Yes, and added mass is such thing(used in simulating ships), but it's not only empirically motivated but theoretically aswell.

first: Yes, that's important question, actually.
To get acceleration you need to divide sum of all these forces by mass + added mass.
But added mass should not affect rotational inertia of ball.

It is important to note that generally speaking fluid forces do not have to apply to this "added mass". Them might have their own inertias. But things like buoyancy, drag, "friction", and similar stuff that absolutely doesn't somehow account for inertia of liquid should apply to this added mass.
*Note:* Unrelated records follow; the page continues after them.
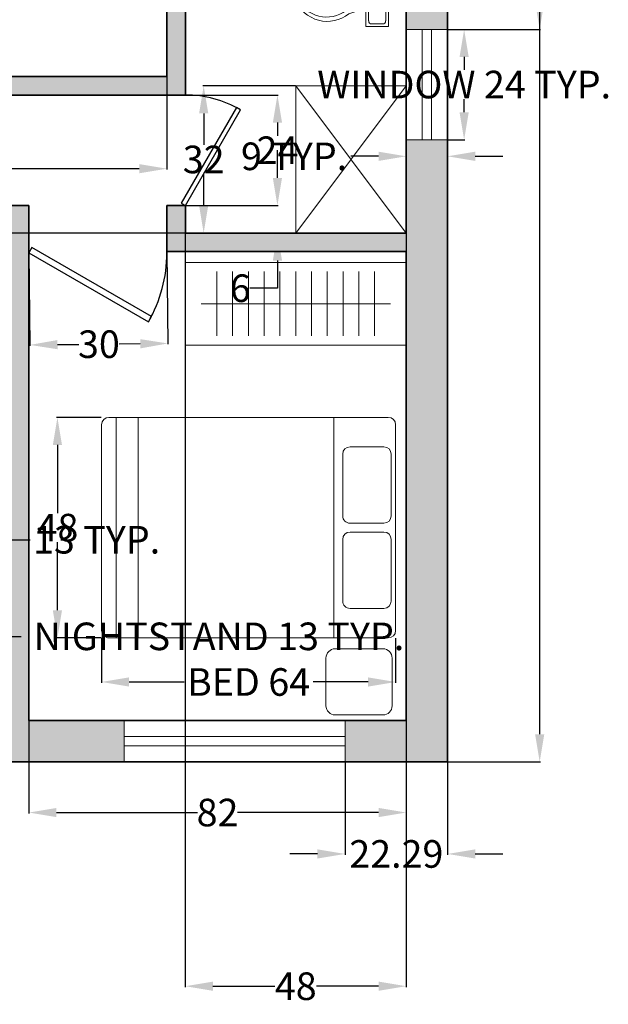
# Model space of a CAD drawing. Units: inches. Extents: x -26 to 363, y -399 to 37.
# Tile 2 of 4: x 232 to 360, y -399 to -185. Entities that reach past the tile are written whole.
import ezdxf

# ---------------------------------------------------------------- set-up
doc = ezdxf.new("R2010")
doc.units = ezdxf.units.IN
doc.header["$MEASUREMENT"] = 0
for name, color, linetype, lineweight in [('A-ANNO-DIMS', 2, 'Continuous', 18), ('A-DOOR', 3, 'Continuous', 25), ('A-FLOR-CASE', 8, 'Continuous', 18), ('A-FLOR-FIXT', 9, 'Continuous', 18), ('A-FURN', 8, 'Continuous', 18), ('A-GLAZ', 4, 'Continuous', 18), ('A-WALL', 7, 'Continuous', 35), ('A-WALL-PATT', 251, 'Continuous', 13)]:
    doc.layers.add(name, color=color, linetype=linetype, lineweight=lineweight)
doc.styles.get("Standard").update_dxf_attribs({"font": 'arial.ttf'})
doc.dimstyles.get("Standard").update_dxf_attribs({"dimtxt": 6, "dimasz": 6, "dimexe": 0.18, "dimexo": 0.0625, "dimgap": 0.09, "dimtad": 0, "dimtih": 1, "dimtoh": 1, "dimdec": 0, "dimzin": 0, "dimdsep": 46, "dimlunit": 4, "dimtxsty": 'Standard', "dimcen": 0.09, "dimadec": 0, "dimazin": 0, "dimtfac": 1, "dimtdec": 0, "dimtofl": 0, "dimtmove": 0, "dimatfit": 3, "dimfxl": 1, "dimtolj": 1, "dimtzin": 0, "dimarcsym": 0})

# ---------------------------------------------------------------- blocks, each defined once
blk = doc.blocks.new('*U3')
for p, q in [((0, 0), (0, 6)), ((40, 0), (40, 6))]:
    blk.add_line(p, q)
blk.add_lwpolyline([(0, 0), (34.64, -20), (35.52, -18.48), (0.87, 1.52)], close=True)
blk.add_arc((0, 0), 40, 330, 0)
blk = doc.blocks.new('Toilet - top')
for p, q in [((9.5, -6), (9.5, -2)), ((-10, -8.5), (-8, -8.5)), ((-10, -9.5), (-10, -8.5)), ((-7, -9.5), (-10, -9.5)), ((-8, -8.5), (-8, -8)), ((-7, -8), (-7, -9.5)), ((-4, -8), (-6, -14)), ((4, -8), (6, -14)), ((4, -14), (-4, -14))]:
    blk.add_line(p, q)
blk.add_lwpolyline([(10.5, -8), (10.5, 0), (-10.5, 0), (-10.5, -8)], close=True)
for points in [[(-9.5, -2), (-9.5, -6)], [(8.5, -1), (-8.5, -1)], [(-8.5, -7), (8.5, -7)]]:
    blk.add_lwpolyline(points)
for centre, radius, start, end in [((-8.62, -1.88), 0.884, 81.8699, 188.1301), ((8.62, -1.88), 0.884, 351.8699, 98.1301), ((-8.62, -6.12), 0.884, 171.8699, 278.1301), ((8.62, -6.12), 0.884, 261.8699, 8.1301), ((3.52, -21.58), 12.17, 141.4691, 247.9714), ((4.2, -21.82), 11.33, 136.3677, 238.9468), ((-3.52, -21.58), 12.17, 292.0284, 38.5307), ((-4.2, -21.82), 11.33, 301.053, 43.6321), ((0, -27.88), 4, 245.7318, 294.2682), ((0, -29), 4, 254.8605, 285.1395)]:
    blk.add_arc(centre, radius, start, end)
blk = doc.blocks.new('Bed - Queen')
for p, q in [((2, 0), (57.99999, 0)), ((0, -78.00003), (0, -2)), ((9.99999, -1.2), (26.79998, -1.2)), ((33.19999, -1.2), (49.99999, -1.2)), ((59.99999, -2), (59.99999, -78.00003)), ((7.99999, -12.4), (7.99999, -3.2)), ((28.79998, -3.2), (28.79998, -12.4)), ((31.19999, -12.4), (31.19999, -3.2)), ((51.99999, -3.2), (51.99999, -12.4)), ((9.99999, -14.4), (26.79998, -14.4)), ((33.19999, -14.4), (49.99999, -14.4)), ((59.99999, -16.8), (0, -16.8)), ((59.99999, -70.00003), (0, -70.00003)), ((59.99999, -76.00003), (0, -76.00003)), ((57.99999, -80.00003), (2, -80.00003))]:
    blk.add_line(p, q)
for centre, start, end in [((2, -2), 90, 180), ((57.99999, -2), 0, 90), ((9.99999, -3.2), 90, 180), ((26.79998, -3.2), 0, 90), ((33.19999, -3.2), 90, 180), ((49.99999, -3.2), 0, 90), ((9.99999, -12.4), 180, 270), ((26.79998, -12.4), 270, 0), ((33.19999, -12.4), 180, 270), ((49.99999, -12.4), 270, 0), ((2, -78.00003), 180, 270), ((57.99999, -78.00003), 270, 0)]:
    blk.add_arc(centre, 2, start, end)
blk = doc.blocks.new('WIN-48IN')
for p, q in [((0, 0), (0, 9)), ((48, 9), (48, 0)), ((48, 5.5), (0, 5.5)), ((48, 3.5), (0, 3.5))]:
    blk.add_line(p, q)
blk = doc.blocks.new('WIN-24IN')
for p, q in [((0, 24), (9, 24)), ((3.5, 24), (3.5, 0)), ((5.5, 24), (5.5, 0)), ((9, 0), (0, 0))]:
    blk.add_line(p, q)
blk = doc.blocks.new('*D23')
at = {"layer": 'A-ANNO-DIMS', "color": 0, "lineweight": -2, "transparency": 16777216}
for p, q in [((250.11, -319.65), (250.11, -329.36)), ((314.03, -319.65), (314.03, -329.36)), ((256.11, -329.18), (268.05, -329.18)), ((308.03, -329.18), (296.09, -329.18))]:
    blk.add_line(p, q, dxfattribs=at)
at = {"layer": 'A-ANNO-DIMS', "color": 0, "transparency": 16777216}
for points in [[(256.11, -328.18), (256.11, -330.18), (250.11, -329.18)], [(308.03, -328.18), (308.03, -330.18), (314.03, -329.18)]]:
    blk.add_solid(points, dxfattribs=at)
at = {"layer": 'Defpoints', "color": 0, "transparency": 16777216}
for p in [(250.11, -319.59), (314.03, -319.59), (314.03, -329.18)]:
    blk.add_point(p, dxfattribs=at)
at = {"layer": 'A-ANNO-DIMS', "color": 0, "transparency": 16777216, "insert": (282.07, -329.18), "char_height": 6, "attachment_point": 5}
blk.add_mtext('\\A1;BED 64', dxfattribs=at)
blk = doc.blocks.new('*D24')
at = {"layer": 'A-ANNO-DIMS', "color": 0, "lineweight": -2, "transparency": 16777216}
for p, q in [((250.04, -271.64), (240.34, -271.64)), ((240.52, -277.64), (240.52, -292.46)), ((240.52, -313.59), (240.52, -298.77)), ((250.04, -319.59), (240.34, -319.59))]:
    blk.add_line(p, q, dxfattribs=at)
at = {"layer": 'A-ANNO-DIMS', "color": 0, "transparency": 16777216}
for points in [[(239.52, -277.64), (241.52, -277.64), (240.52, -271.64)], [(239.52, -313.59), (241.52, -313.59), (240.52, -319.59)]]:
    blk.add_solid(points, dxfattribs=at)
at = {"layer": 'Defpoints', "color": 0, "transparency": 16777216}
for p in [(250.11, -271.64), (240.52, -319.59), (250.11, -319.59)]:
    blk.add_point(p, dxfattribs=at)
at = {"layer": 'A-ANNO-DIMS', "color": 0, "transparency": 16777216, "insert": (240.52, -295.62), "char_height": 6, "attachment_point": 5}
blk.add_mtext('\\A1;48', dxfattribs=at)
blk = doc.blocks.new('*D29')
at = {"layer": 'A-ANNO-DIMS', "color": 0, "lineweight": -2, "transparency": 16777216}
for p, q in [((325.39, -187.28), (329.1, -187.28)), ((328.92, -193.28), (328.92, -196.09)), ((328.92, -205.28), (328.92, -202.48)), ((325.39, -211.28), (329.1, -211.28))]:
    blk.add_line(p, q, dxfattribs=at)
at = {"layer": 'A-ANNO-DIMS', "color": 0, "transparency": 16777216}
for points in [[(327.92, -193.28), (329.92, -193.28), (328.92, -187.28)], [(327.92, -205.28), (329.92, -205.28), (328.92, -211.28)]]:
    blk.add_solid(points, dxfattribs=at)
at = {"layer": 'Defpoints', "color": 0, "transparency": 16777216}
for p in [(325.32, -187.28), (325.32, -211.28), (328.92, -211.28)]:
    blk.add_point(p, dxfattribs=at)
at = {"layer": 'A-ANNO-DIMS', "color": 0, "transparency": 16777216, "insert": (328.92, -199.28), "char_height": 6, "attachment_point": 5}
blk.add_mtext('\\A1;WINDOW 24 TYP.', dxfattribs=at)
blk = doc.blocks.new('*D30')
at = {"layer": 'A-ANNO-DIMS', "color": 0, "lineweight": -2, "transparency": 16777216}
for p, q in [((316.32, -211.35), (316.32, -215.06)), ((325.32, -211.35), (325.32, -215.06)), ((310.32, -214.88), (304.32, -214.88)), ((331.32, -214.88), (337.32, -214.88))]:
    blk.add_line(p, q, dxfattribs=at)
at = {"layer": 'A-ANNO-DIMS', "color": 0, "transparency": 16777216}
for points in [[(310.32, -213.88), (310.32, -215.88), (316.32, -214.88)], [(331.32, -213.88), (331.32, -215.88), (325.32, -214.88)]]:
    blk.add_solid(points, dxfattribs=at)
at = {"layer": 'Defpoints', "color": 0, "transparency": 16777216}
for p in [(316.32, -211.28), (325.32, -211.28), (316.32, -214.88)]:
    blk.add_point(p, dxfattribs=at)
at = {"layer": 'A-ANNO-DIMS', "color": 0, "transparency": 16777216, "insert": (291.96, -214.88), "char_height": 6, "attachment_point": 5}
blk.add_mtext('\\A1;9 TYP.', dxfattribs=at)
blk = doc.blocks.new('*D31')
at = {"layer": 'A-ANNO-DIMS', "color": 0, "lineweight": -2, "transparency": 16777216}
for p, q in [((213.62, -317.36), (213.62, -319.44)), ((226.67, -317.36), (226.67, -319.44)), ((219.62, -319.26), (220.67, -319.26)), ((226.67, -319.26), (232.67, -319.26))]:
    blk.add_line(p, q, dxfattribs=at)
at = {"layer": 'A-ANNO-DIMS', "color": 0, "transparency": 16777216}
for points in [[(219.62, -318.26), (219.62, -320.26), (213.62, -319.26)], [(220.67, -318.26), (220.67, -320.26), (226.67, -319.26)]]:
    blk.add_solid(points, dxfattribs=at)
at = {"layer": 'Defpoints', "color": 0, "transparency": 16777216}
for p in [(213.62, -317.3), (226.67, -317.3), (226.67, -319.26)]:
    blk.add_point(p, dxfattribs=at)
at = {"layer": 'A-ANNO-DIMS', "color": 0, "transparency": 16777216, "insert": (275.62, -319.26), "char_height": 6, "attachment_point": 5}
blk.add_mtext('\\A1;NIGHTSTAND 13 TYP.', dxfattribs=at)
blk = doc.blocks.new('*D32')
at = {"layer": 'A-ANNO-DIMS', "color": 0, "lineweight": -2, "transparency": 16777216}
for p, q in [((228.63, -304.25), (228.63, -298.25)), ((228.63, -298.25), (234.63, -298.25)), ((226.73, -304.25), (228.81, -304.25)), ((228.63, -311.3), (228.63, -310.25)), ((226.73, -317.3), (228.81, -317.3))]:
    blk.add_line(p, q, dxfattribs=at)
at = {"layer": 'A-ANNO-DIMS', "color": 0, "transparency": 16777216}
for points in [[(227.63, -310.25), (229.63, -310.25), (228.63, -304.25)], [(227.63, -311.3), (229.63, -311.3), (228.63, -317.3)]]:
    blk.add_solid(points, dxfattribs=at)
at = {"layer": 'Defpoints', "color": 0, "transparency": 16777216}
for p in [(226.67, -304.25), (228.63, -304.25), (226.67, -317.3)]:
    blk.add_point(p, dxfattribs=at)
at = {"layer": 'A-ANNO-DIMS', "color": 0, "transparency": 16777216, "insert": (249.04, -298.25), "char_height": 6, "attachment_point": 5}
blk.add_mtext('\\A1;13 TYP.', dxfattribs=at)
blk = doc.blocks.new('*D41')
at = {"layer": 'A-ANNO-DIMS', "color": 0, "lineweight": -2, "transparency": 16777216}
for p, q in [((325.39, 13.44), (345.52, 13.44)), ((345.34, 7.44), (345.34, -163.4)), ((345.34, -340.56), (345.34, -169.71)), ((325.39, -346.56), (345.52, -346.56))]:
    blk.add_line(p, q, dxfattribs=at)
at = {"layer": 'A-ANNO-DIMS', "color": 0, "transparency": 16777216}
for points in [[(344.34, 7.44), (346.34, 7.44), (345.34, 13.44)], [(344.34, -340.56), (346.34, -340.56), (345.34, -346.56)]]:
    blk.add_solid(points, dxfattribs=at)
at = {"layer": 'Defpoints', "color": 0, "transparency": 16777216}
for p in [(325.32, 13.44), (345.34, 13.44), (325.32, -346.56)]:
    blk.add_point(p, dxfattribs=at)
at = {"layer": 'A-ANNO-DIMS', "color": 0, "transparency": 16777216, "insert": (345.34, -166.56), "char_height": 6, "attachment_point": 5}
blk.add_mtext('\\A1;360', dxfattribs=at)
blk = doc.blocks.new('*D47')
at = {"layer": 'A-ANNO-DIMS', "color": 0, "lineweight": -2, "transparency": 16777216}
for p, q in [((176.32, -197.62), (176.32, -217.75)), ((264.32, -197.62), (264.32, -217.75)), ((182.32, -217.57), (215.93, -217.57)), ((258.32, -217.57), (224.72, -217.57))]:
    blk.add_line(p, q, dxfattribs=at)
at = {"layer": 'A-ANNO-DIMS', "color": 0, "transparency": 16777216}
for points in [[(182.32, -216.57), (182.32, -218.57), (176.32, -217.57)], [(258.32, -216.57), (258.32, -218.57), (264.32, -217.57)]]:
    blk.add_solid(points, dxfattribs=at)
at = {"layer": 'Defpoints', "color": 0, "transparency": 16777216}
for p in [(176.32, -197.56), (264.32, -197.56), (176.32, -217.57)]:
    blk.add_point(p, dxfattribs=at)
at = {"layer": 'A-ANNO-DIMS', "color": 0, "transparency": 16777216, "insert": (220.32, -217.57), "char_height": 6, "attachment_point": 5}
blk.add_mtext('\\A1;88', dxfattribs=at)
blk = doc.blocks.new('*D49')
at = {"layer": 'A-ANNO-DIMS', "color": 0, "lineweight": -2, "transparency": 16777216}
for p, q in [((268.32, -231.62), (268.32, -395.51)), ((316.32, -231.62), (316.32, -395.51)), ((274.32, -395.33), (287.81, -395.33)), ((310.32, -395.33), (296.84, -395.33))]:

Added mass might looks to you like sort of dark voodoo spell. Actually, it's better to think about "added mass" as draglike force that depends to acceleration of object, like F[am]=-A*added_mass , similarly to how drag depends to velocity. So, you have
A=(all_other_forces-A*added_mass)/mass
and to solve for A,
A*mass=all_other_forces-added_mass*A
and
A*mass+A*added_mass=all_other_forces
brackets
A*(mass+added_mass)=all_other_forces
and finally
A=all_other_forces/(mass+added_mass)

Of course it's all approximation, in real hydrodynamics you don't have such separate forces, you have integral of pressure on surface of object, that gives you all this stuff.

second: there's probably no real rules of that (except that there's no liquids with really very small density. ) I don't think that low density liquid can't be very viscosous; it's just not very typical. There's many liquids much more viscosous than water yet having same or lower density.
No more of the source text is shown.